Alle Ergebnisse zur Studie im Überblick

  • Großer Hype, aber (noch) wenig konkreter Nutzen: 81 Prozent der Befragten halten Big Data für zentral wichtig.

Big Data, Big Business? Nicht zwangsläufig: Die meisten Unternehmen konzentrieren sich auf Daten, die intern und damit leicht verfügbar sind. Nur 12 Prozent der Befragten nutzen Big Data bereits für die Erfassung von Daten entlang der „Customer Journey“.

  • Big Data ist nur bedingt Chefsache: Der Schlüssel zum Erfolg liegt in der Einbindung von Spezialisten, die die Daten abteilungsübergreifend auswerten.

Big Data ist also kein Erkenntnisproblem. Die Hürde liegt in der Unternehmensorganisation und der Führungskultur.

  • Advanced Analytics oft noch ein Phantom: Verfahren, die man als „Big Data Analytics“ im engeren Sinne bezeichnet, werden selten eingesetzt.

Nur 8 Prozent nutzen die Technologie als Vorstufe künstlicher Intelligenz schon heute. Zwei Drittel können die Technologie noch nicht bewerten oder halten sie für nicht relevant. Die „Tech-Giants“ im Silicon Valley entwickeln durch Advanced Analytics neue Geschäftsmodelle. Die Unternehmen sehen diese Entwicklung kritisch, eine direkte Konkurrenz befürchtet allerdings nur jedes fünfte.

  • Mit der zunehmenden Bedeutung von Daten steigt auch das Risiko, Opfer digitaler Kriminalität zu werden.

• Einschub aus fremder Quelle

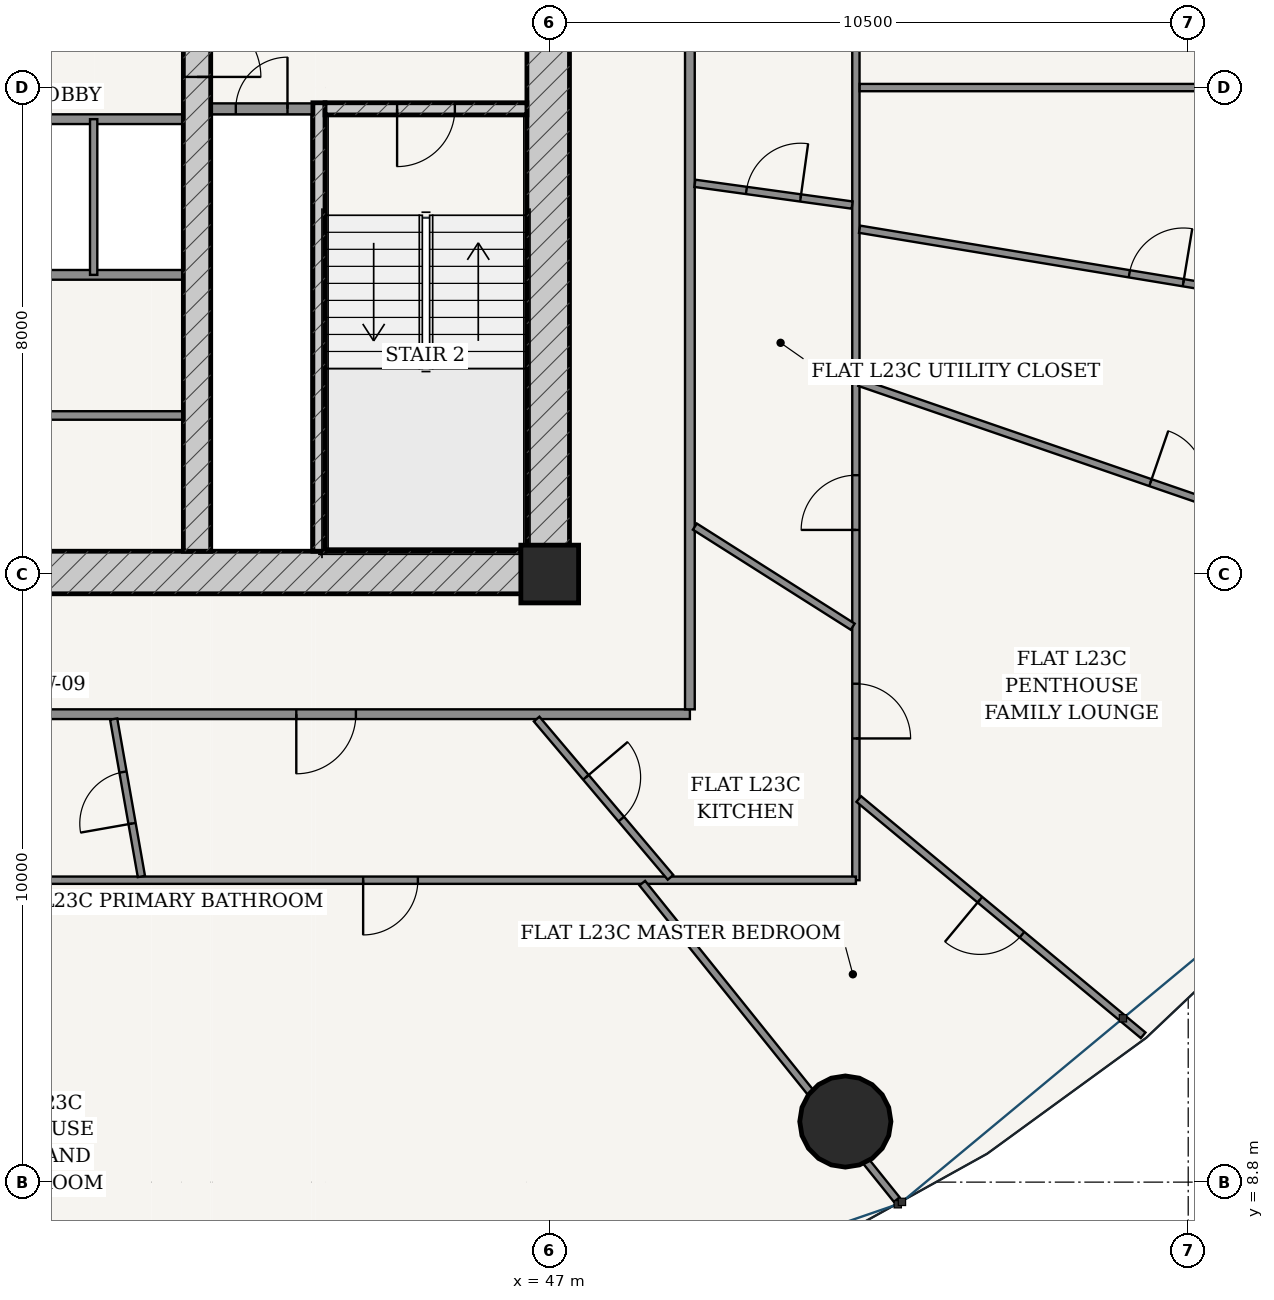
"""IFC4 building model, lengths in metres.
Left out: names, types, materials, properties, quantities, classifications, styles, units other than length and angle.
Written with IfcOpenShell. Run it as: python <this file> out.ifc"""

import sys

from ifc_helpers import new_model, si_unit, direction, frame, frame_2d, origin, origin_2d, place, context, subcontext, project, spatial, rectangle, hollow_circle, extrude, source, transform, mapped, element, fill, save


model = new_model("IFC4")
c1 = context("Model", 3, precision=1e-05, world=origin(), true_north=direction((-0.2419218956, 0.970295726276)))
c2 = subcontext(c1, "Body", "Model", "MODEL_VIEW")
j1 = project(units=[si_unit("LENGTHUNIT", "METRE"), si_unit("PLANEANGLEUNIT", "RADIAN")], contexts=[c1])
p1 = place(None, origin())
s1 = spatial("IfcSite", under=j1, at=p1, CompositionType="ELEMENT")
p2 = place(p1, origin())
s2 = spatial("IfcBuilding", under=s1, at=p2, CompositionType="ELEMENT")
p3 = place(p2, frame((0.0, 0.0, 90.6)))
s3 = spatial("IfcBuildingStorey", under=s2, at=p3, CompositionType="ELEMENT", Elevation=90.6)
p4 = place(p3, frame((47.0, 18.8, 0.0), z_axis=(0.0, 0.0, 1.0), x_axis=(1.0, 0.0, 0.0)))
e1 = element("IfcColumn", 1, at=p4, inside=s3, PredefinedType="COLUMN", context=c2, shape_type="SweptSolid", body=[
    extrude(rectangle(XDim=0.95, YDim=0.95, at=origin_2d()), origin(), (0.0, 0.0, 1.0), 3.6),
])
p5 = place(p3, frame((28.675, 18.825, 0.0), z_axis=(0.0, 0.0, 1.0), x_axis=(1.0, 0.0, 0.0)))
e2 = element("IfcWall", 2, at=p5, inside=s3, PredefinedType="SHEAR", context=c2, shape_type="SweptSolid", body=[
    extrude(rectangle(XDim=18.65, YDim=0.7, at=frame_2d((9.325, 0.0))), origin(), (0.0, 0.0, 1.0), 3.325),
])
p6 = place(p5, frame((8.9, 0.0, 0.0)))
e3 = element("IfcOpeningElement", 3, at=p6, cuts=e2, PredefinedType="OPENING", context=c2, shape_type="SweptSolid", body=[
    extrude(rectangle(XDim=0.85, YDim=2.1, at=frame_2d((0.425, 1.05))), frame((0.0, 0.36, 0.0), z_axis=(0.0, -1.0, 0.0), x_axis=(1.0, 0.0, 0.0)), (0.0, 0.0, 1.0), 0.72),
])
p7 = place(p3, frame((46.975, 19.175, 0.0), z_axis=(0.0, 0.0, 1.0), x_axis=(0.0, 1.0, 0.0)))
e4 = element("IfcWall", 4, at=p7, inside=s3, PredefinedType="SHEAR", context=c2, shape_type="SweptSolid", body=[
    extrude(rectangle(XDim=15.25, YDim=0.7, at=frame_2d((7.625, 0.0))), origin(), (0.0, 0.0, 1.0), 3.325),
])
p8 = place(p7, frame((9.875, 0.0, 0.0)))
e5 = element("IfcOpeningElement", 5, at=p8, cuts=e4, PredefinedType="OPENING", context=c2, shape_type="SweptSolid", body=[
    extrude(rectangle(XDim=1.5, YDim=2.2, at=frame_2d((0.75, 1.1))), frame((0.0, 0.36, 0.0), z_axis=(0.0, -1.0, 0.0), x_axis=(1.0, 0.0, 0.0)), (0.0, 0.0, 1.0), 0.72),
])
p9 = place(p3, frame((43.205, 19.175, 0.0), z_axis=(0.0, 0.0, 1.0), x_axis=(0.0, 1.0, 0.0)))
e6 = element("IfcWall", 6, at=p9, inside=s3, PredefinedType="SOLIDWALL", context=c2, shape_type="SweptSolid", body=[
    extrude(rectangle(XDim=7.375, YDim=0.2, at=frame_2d((3.688, 0.0))), origin(), (0.0, 0.0, 1.0), 3.325),
])
p10 = place(p3, frame((43.305, 26.45, 0.0), z_axis=(0.0, 0.0, 1.0), x_axis=(1.0, 0.0, 0.0)))
e7 = element("IfcWall", 7, at=p10, inside=s3, PredefinedType="SOLIDWALL", context=c2, shape_type="SweptSolid", body=[
    extrude(rectangle(XDim=3.32, YDim=0.2, at=frame_2d((1.66, 0.0))), origin(), (0.0, 0.0, 1.0), 3.325),
])
p11 = place(p10, frame((1.185, 0.0, 0.0)))
e8 = element("IfcOpeningElement", 8, at=p11, cuts=e7, PredefinedType="OPENING", context=c2, shape_type="SweptSolid", body=[
    extrude(rectangle(XDim=0.95, YDim=2.15, at=frame_2d((0.475, 1.075))), frame((0.0, 0.11, 0.0), z_axis=(0.0, -1.0, 0.0), x_axis=(1.0, 0.0, 0.0)), (0.0, 0.0, 1.0), 0.22),
])
p12 = place(p3, frame((41.2, 19.175, 0.0), z_axis=(0.0, 0.0, 1.0), x_axis=(0.0, 1.0, 0.0)))
e9 = element("IfcWall", 9, at=p12, inside=s3, PredefinedType="SHEAR", context=c2, shape_type="SweptSolid", body=[
    extrude(rectangle(XDim=15.25, YDim=0.45, at=frame_2d((7.625, 0.0))), origin(), (0.0, 0.0, 1.0), 3.325),
])
p13 = place(p12, frame((7.8, 0.0, 0.0)))
e10 = element("IfcOpeningElement", 10, at=p13, cuts=e9, PredefinedType="OPENING", context=c2, shape_type="SweptSolid", body=[
    extrude(rectangle(XDim=1.05, YDim=2.15, at=frame_2d((0.525, 1.075))), frame((0.0, 0.235, 0.0), z_axis=(0.0, -1.0, 0.0), x_axis=(1.0, 0.0, 0.0)), (0.0, 0.0, 1.0), 0.47),
])
p14 = place(p3, frame((51.862, 9.796, 0.0), z_axis=(0.0, 0.0, 1.0), x_axis=(1.0, 0.0, 0.0)))
e11 = element("IfcColumn", 11, at=p14, inside=s3, PredefinedType="COLUMN", context=c2, shape_type="SweptSolid", body=[
    extrude(hollow_circle(Radius=0.75, WallThickness=0.045, at=origin_2d()), origin(), (0.0, 0.0, 1.0), 3.6),
])
p15 = place(p3, frame((41.425, 26.45, 0.0), z_axis=(0.0, 0.0, 1.0), x_axis=(1.0, 0.0, 0.0)))
e12 = element("IfcWall", 12, at=p15, inside=s3, PredefinedType="PARTITIONING", context=c2, shape_type="SweptSolid", body=[
    extrude(rectangle(XDim=1.675, YDim=0.18, at=frame_2d((0.837, 0.0))), origin(), (0.0, 0.0, 1.0), 3.325),
])
p16 = place(p15, frame((0.413, 0.0, 0.0)))
e13 = element("IfcOpeningElement", 13, at=p16, cuts=e12, PredefinedType="OPENING", context=c2, shape_type="SweptSolid", body=[
    extrude(rectangle(XDim=0.85, YDim=2.1, at=frame_2d((0.425, 1.05))), frame((0.0, 0.1, 0.0), z_axis=(0.0, -1.0, 0.0), x_axis=(1.0, 0.0, 0.0)), (0.0, 0.0, 1.0), 0.2),
])
for number, where, z_axis, x_axis in (
    (14, (35.025, 26.28, 0.0), (0.0, 0.0, 1.0), (1.0, 0.0, 0.0)),
    (15, (35.025, 23.72, 0.0), (0.0, 0.0, 1.0), (1.0, 0.0, 0.0)),
):
    element("IfcWall", number, at=place(p3, frame(where, z_axis=z_axis, x_axis=x_axis)), inside=s3, PredefinedType="PARTITIONING", context=c2, shape_type="SweptSolid", body=[
        extrude(rectangle(XDim=5.95, YDim=0.16, at=frame_2d((2.975, 0.0))), origin(), (0.0, 0.0, 1.0), 3.325),
    ])
p17 = place(p3, frame((39.5, 23.72, 0.0), z_axis=(0.0, 0.0, 1.0), x_axis=(0.0, 1.0, 0.0)))
e16 = element("IfcWall", 16, at=p17, inside=s3, PredefinedType="PARTITIONING", context=c2, shape_type="SweptSolid", body=[
    extrude(rectangle(XDim=2.56, YDim=0.12, at=frame_2d((1.28, 0.0))), origin(), (0.0, 0.0, 1.0), 3.325),
])
p18 = place(p3, frame((35.025, 21.407, 0.0), z_axis=(0.0, 0.0, 1.0), x_axis=(1.0, 0.0, 0.0)))
e17 = element("IfcWall", 17, at=p18, inside=s3, PredefinedType="PARTITIONING", context=c2, shape_type="SweptSolid", body=[
    extrude(rectangle(XDim=5.95, YDim=0.14, at=frame_2d((2.975, 0.0))), origin(), (0.0, 0.0, 1.0), 3.325),
])
p19 = place(p18, frame((2.55, 0.0, 0.0)))
e18 = element("IfcOpeningElement", 18, at=p19, cuts=e17, PredefinedType="OPENING", context=c2, shape_type="SweptSolid", body=[
    extrude(rectangle(XDim=0.85, YDim=2.1, at=frame_2d((0.425, 1.05))), frame((0.0, 0.08, 0.0), z_axis=(0.0, -1.0, 0.0), x_axis=(1.0, 0.0, 0.0)), (0.0, 0.0, 1.0), 0.16),
])
p20 = place(p3, frame((26.695, 16.495, 0.0), z_axis=(0.0, 0.0, 1.0), x_axis=(1.0, 0.0, 0.0)))
e19 = element("IfcWall", 19, at=p20, inside=s3, PredefinedType="PARTITIONING", context=c2, shape_type="SweptSolid", body=[
    extrude(rectangle(XDim=22.61, YDim=0.16, at=frame_2d((11.305, 0.0))), origin(), (0.0, 0.0, 1.0), 2.767),
])
p21 = place(p20, frame((1.688, 0.0, 0.0)))
e20 = element("IfcOpeningElement", 20, at=p21, cuts=e19, PredefinedType="OPENING", context=c2, shape_type="SweptSolid", body=[
    extrude(rectangle(XDim=0.98, YDim=2.2, at=frame_2d((0.49, 1.1))), frame((0.0, 0.09, 0.0), z_axis=(0.0, -1.0, 0.0), x_axis=(1.0, 0.0, 0.0)), (0.0, 0.0, 1.0), 0.18),
])
p22 = place(p20, frame((16.137, 0.0, 0.0)))
e21 = element("IfcOpeningElement", 21, at=p22, cuts=e19, PredefinedType="OPENING", context=c2, shape_type="SweptSolid", body=[
    extrude(rectangle(XDim=0.98, YDim=2.2, at=frame_2d((0.49, 1.1))), frame((0.0, 0.09, 0.0), z_axis=(0.0, -1.0, 0.0), x_axis=(1.0, 0.0, 0.0)), (0.0, 0.0, 1.0), 0.18),
])
p23 = place(p3, frame((49.305, 16.575, 0.0), z_axis=(0.0, 0.0, 1.0), x_axis=(0.0, 1.0, 0.0)))
e22 = element("IfcWall", 22, at=p23, inside=s3, PredefinedType="PARTITIONING", context=c2, shape_type="SweptSolid", body=[
    extrude(rectangle(XDim=20.45, YDim=0.16, at=frame_2d((10.225, 0.0))), origin(), (0.0, 0.0, 1.0), 2.767),
])
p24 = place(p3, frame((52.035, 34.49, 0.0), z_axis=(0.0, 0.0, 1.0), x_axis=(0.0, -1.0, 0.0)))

Die Unternehmen haben die technischen Risiken auf dem Schirm.

Insgesamt ist das Gefährdungsbewusstsein im Mittelstand jedoch bislang schwach ausgeprägt – sogar bei Unternehmen, die in der Vergangenheit bereits Opfer von Cybercrime geworden sind. Schutzmaßnahmen, die sie ergreifen, beschränken sich häufig auf das „Stopfen“ technischer Sicherheitslücken. Social Engineering, also die gezielte Manipulation und Täuschung von einzelnen (gutgläubigen) Mitarbeitern, halten viele Experten allerdings für eine weitaus größere Gefahr.

  • Finanzpartner sind als Datenlieferanten und -analysten gefragt: Der Mittelstand erwartet, dass seine Finanzpartner Daten liefern, diese auswerten und durch Prognosen und Tools zusätzliche Daten generieren.

Banken und Sparkassen sind in Zeiten von Big Data weit über ihr originäres Geschäftsmodell hinaus gefordert. Die Unternehmen erwarten neue Lösungen von ihren Bankpartnern. Für Finanzdienstleister bietet sich im Umkehrschluss die Chance für neue Produkte und Services.